Are you claiming they would do this, yet have the deeply depressed patient's honest agreement ?
I don't buy that. This was forced, under threat of force. To protect the hospital against having a successful suicide attempt on their record.
Symptoms return. Normal cognitive function does not. That tells you more than enough. This person is now (hopefully lightly) mentally handicapped, and this has been done to her under threat.
You might as well shoot the person. That has the same demonstrated effect. Seriously. Shooting someone with mental problems can fix those mental problems, many documented cases of that happening.
>You might as well shoot the person. That has the same demonstrated effect.
This is ludicrous hyperbole. The majority of people who receive ECT are successfully treated and go on to live fulfilling lives. ECT is an evidence-based treatment for a life-threatening medical condition.
If it truly was, then why was that person threatened into doing it ? If what you're saying is true, then what possible motivation could the doctor have to threaten his patient into accepting this treatment ? (I get that someone else had to say "yes", but that doesn't change the situation)
Second, I resent psychologists using "evidence based" as a term. This, one might think, implies that they have proof. Well no, no proof. It doesn't mean that.
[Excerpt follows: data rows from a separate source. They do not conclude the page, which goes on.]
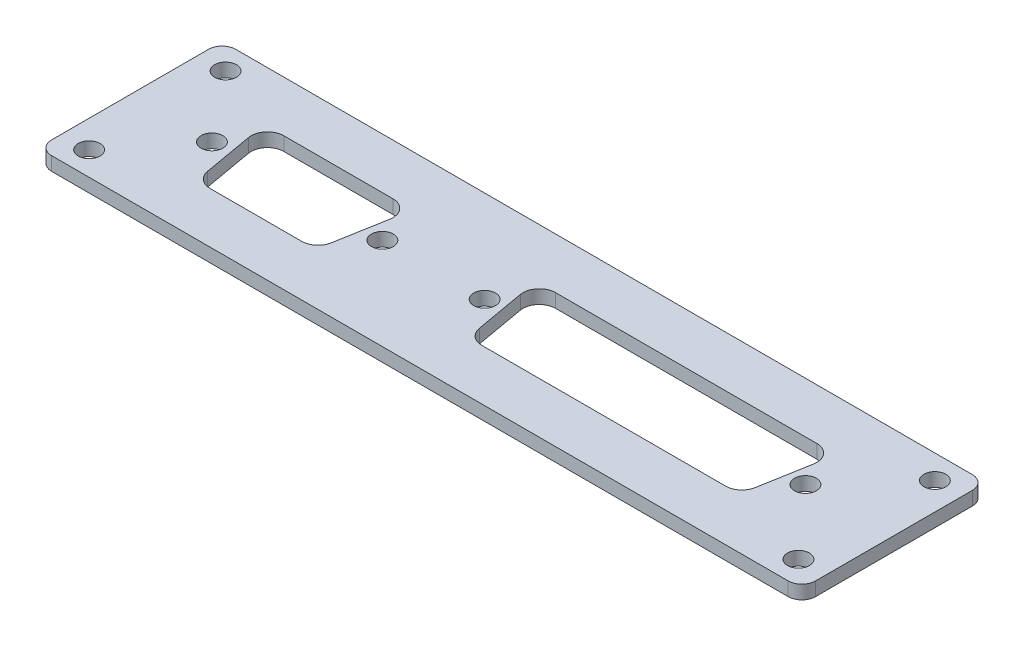
from build123d import *

# Parameters (mm, degrees)
SKETCH1_W           = 112
SKETCH1_H           = 27
BOSS_EXTRUDE1_DEPTH = 2
SKETCH2_R           = 1.6
CUT_EXTRUDE1_DEPTH  = 58.638962517
FILLET1_R           = 2
SKETCH3_R           = 1.6
CUT_EXTRUDE2_DEPTH  = 2


with BuildPart() as part:
    # Sketch1 → Boss-Extrude1 (new body)
    with BuildSketch(Plane(origin=(0, 0, 0), x_dir=(1, 0, 0), z_dir=(0, 1, 0))):
        Rectangle(SKETCH1_W, SKETCH1_H)
    extrude(amount=BOSS_EXTRUDE1_DEPTH)

    # Sketch2 → Cut-Extrude1 (cut, through all)
    with BuildSketch(Plane(origin=(0, 2, 0), x_dir=(1, 0, 0), z_dir=(0, 1, 0))):
        with Locations(Location((-52, 10, 0), (0, 0, 270))):
            Circle(SKETCH2_R)
        with Locations(Location((52, 10, 0), (0, 0, 270))):
            Circle(SKETCH2_R)
        with Locations(Location((52, -10, 0), (0, 0, 270))):
            Circle(SKETCH2_R)
        with Locations(Location((-52, -10, 0), (0, 0, 270))):
            Circle(SKETCH2_R)
    extrude(amount=-CUT_EXTRUDE1_DEPTH, mode=Mode.SUBTRACT)

    # Fillet1
    fillet1_edges = [part.edges().sort_by_distance(p)[0] for p in [
        (56, 1, 13.5),
        (-56, 1, 13.5),
        (-56, 1, -13.5),
        (56, 1, -13.5),
    ]]
    fillet(fillet1_edges, radius=FILLET1_R)

    # Sketch3 → Cut-Extrude2 (cut)
    with BuildSketch(Plane(origin=(0, 2, 0), x_dir=(1, 0, 0), z_dir=(0, 1, 0))):
        with BuildLine():
            Line((1.637186959, -6.05), (37.362813041, -6.05))
            ThreePointArc((37.362813041, -6.05), (38.905503304, -5.488506663), (39.726351648, -4.066755626))
            Line((39.726351648, -4.066755626), (41.013538607, 3.233244374))
            ThreePointArc((41.013538607, 3.233244374), (40.488506663, 5.192690263), (38.65, 6.05))
            Line((38.65, 6.05), (0.35, 6.05))
            ThreePointArc((0.35, 6.05), (-1.488506663, 5.192690263), (-2.013538607, 3.233244374))
            Line((-2.013538607, 3.233244374), (-0.726351648, -4.066755626))
            ThreePointArc((-0.726351648, -4.066755626), (0.094496696, -5.488506663), (1.637186959, -6.05))
        make_face()
        with BuildLine():
            Line((-23.5, 6.05), (-39.5, 6.05))
            ThreePointArc((-39.5, 6.05), (-41.338506663, 5.192690263), (-41.863538607, 3.233244374))
            Line((-41.863538607, 3.233244374), (-40.576351648, -4.066755626))
            ThreePointArc((-40.576351648, -4.066755626), (-39.755503304, -5.488506663), (-38.212813041, -6.05))
            Line((-38.212813041, -6.05), (-24.787186959, -6.05))
            ThreePointArc((-24.787186959, -6.05), (-23.244496696, -5.488506663), (-22.423648352, -4.066755626))
            Line((-22.423648352, -4.066755626), (-21.136461393, 3.233244374))
            ThreePointArc((-21.136461393, 3.233244374), (-21.661493337, 5.192690263), (-23.5, 6.05))
        make_face()
        with Locations(Location((-43.995, 0, 0), (0, 0, 270))):
            Circle(SKETCH3_R)
        with Locations(Location((-19.005, 0, 0), (0, 0, 270))):
            Circle(SKETCH3_R)
        with Locations(Location((-4.02, 0, 0), (0, 0, 270))):
            Circle(SKETCH3_R)
        with Locations(Location((43.02, 0, 0), (0, 0, 270))):
            Circle(SKETCH3_R)
    extrude(amount=-CUT_EXTRUDE2_DEPTH, mode=Mode.SUBTRACT)


solid = part.part
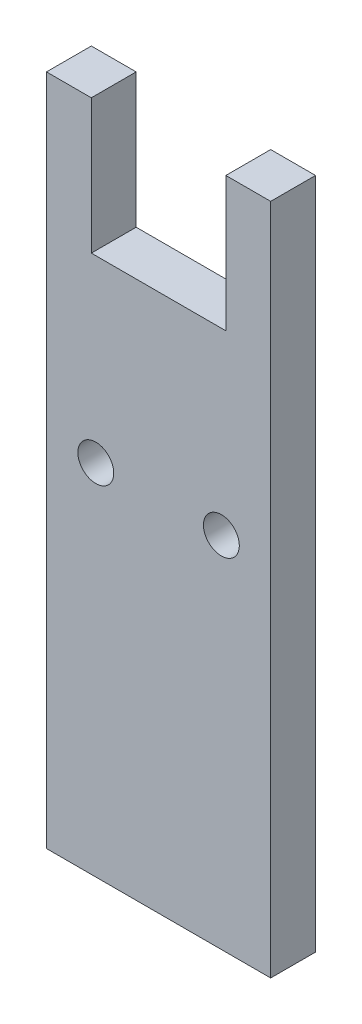
SolidWorks part; units mm, degrees
ref_plane "Front Plane" through (0, 0, 0) normal (0, 0, 1) x (1, 0, 0)
ref_plane "Top Plane" through (0, 0, 0) normal (0, 1, 0) x (1, 0, 0)
ref_plane "Right Plane" through (0, 0, 0) normal (1, 0, 0) x (0, 0, -1)
sketch "Sketch1" plane through (0, 0, 0) normal (0, 0, 1) x (1, 0, 0)
  line L1 (-25, -75) -> (25, -75)
  line L2 (-25, -75) -> (-25, 75)
  line L3 (-25, 75) -> (25, 75)
  line L4 (25, -75) -> (25, 75)
  line L5 (-25, -75) -> (25, 75) construction
  line L6 (-25, 75) -> (25, -75) construction
  point P0 (0, 0)
  dimension "D1" = 50
  dimension "D2" = 150
extrude "Boss-Extrude1" add sketch "Sketch1" along normal blind 10
sketch "Sketch2" plane through (0, 0, 10) normal (0, 0, 1) x (1, 0, 0)
  line L0 (25, 75) -> (-25, 75) construction
  line L1 (-15, 75) -> (15, 75)
  line L2 (-15, 75) -> (-15, 45)
  line L3 (-15, 45) -> (15, 45)
  line L4 (15, 75) -> (15, 45)
  line L5 (0, 0) -> (0, 45) construction
  dimension "D1" = 30
  dimension "D2" = 30
extrude "Cut-Extrude1" cut sketch "Sketch2" against normal blind 10
sketch "Sketch3" plane through (0, 0, 10) normal (0, 0, 1) x (1, 0, 0)
  line L0 (-25, -75) -> (25, -75) construction
  line L1 (0, 0) -> (0, -75) construction
  circle A0 centre (-14, 5) radius 4
  circle A1 centre (14, 5) radius 4
  dimension "D2" = 8
  dimension "D3" = 28
  dimension "D1" = 80
extrude "Cut-Extrude2" cut sketch "Sketch3" against normal through all
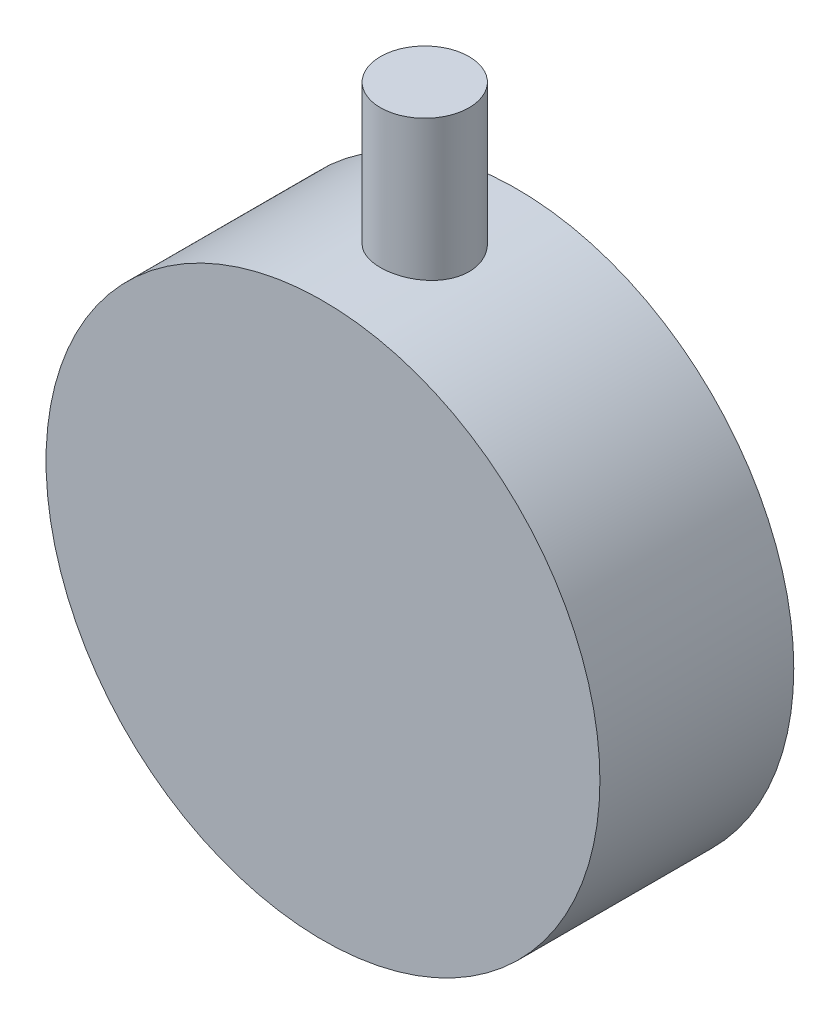
from build123d import *

# Parameters (mm, degrees)
SKETCH1_R           = 50
BOSS_EXTRUDE1_DEPTH = 35
SKETCH2_R           = 8
BOSS_EXTRUDE2_DEPTH = 75


with BuildPart() as part:
    # Sketch1 → Boss-Extrude1 (new body)
    with BuildSketch(Plane.XY):
        Circle(SKETCH1_R)
    extrude(amount=BOSS_EXTRUDE1_DEPTH)

    # Sketch2 → Boss-Extrude2 (add)
    with BuildSketch(Plane(origin=(0, 0, 0), x_dir=(1, 0, 0), z_dir=(0, 1, 0))):
        with Locations(Location((0, -16.62435188, 0), (0, 0, 90))):
            Circle(SKETCH2_R)
    extrude(amount=BOSS_EXTRUDE2_DEPTH)


solid = part.part

Ok, but surely it means that they have double blind statistical studies ? I mean, that makes "evidence" very misleading, but ... Yes, but those studies say there is no effect beyond placebo (in fact there are valid studies that say that all of psychiatry does not survive a double blind study). So statistical analyses actually says this does not work.
Ok, so what does "evidence based" mean ? Well, it means they have a few anecdotes of mostly temporary improvement (and lots of anecdotes of disastrous outcomes, conveniently left out). Which certainly exist for shooting depressive patients as well. Also they exist for not doing anything.
So why did the doctor force this treatment on her ? Well, to get her out of his clinic. You see, the way you get fired in a psychiatric department is to have a few patients commit suicide in the department. And observation and isolation only helps for so long. In practice, given 4-12 weeks of trying people successfully commit suicide, even under 24 hour observation with no tools in an isolation cell. This patient had gotten really close to doing that, as mentioned in the article (which, incidentally, would be the conditions this patient was held in prior to her getting asked if she'd agree to this treatment. Which of course also means she is mostly happy with the treatment because it got her out of an isolation cell, and still lives under threat of returning to those conditions. Reality of psychiatric patients).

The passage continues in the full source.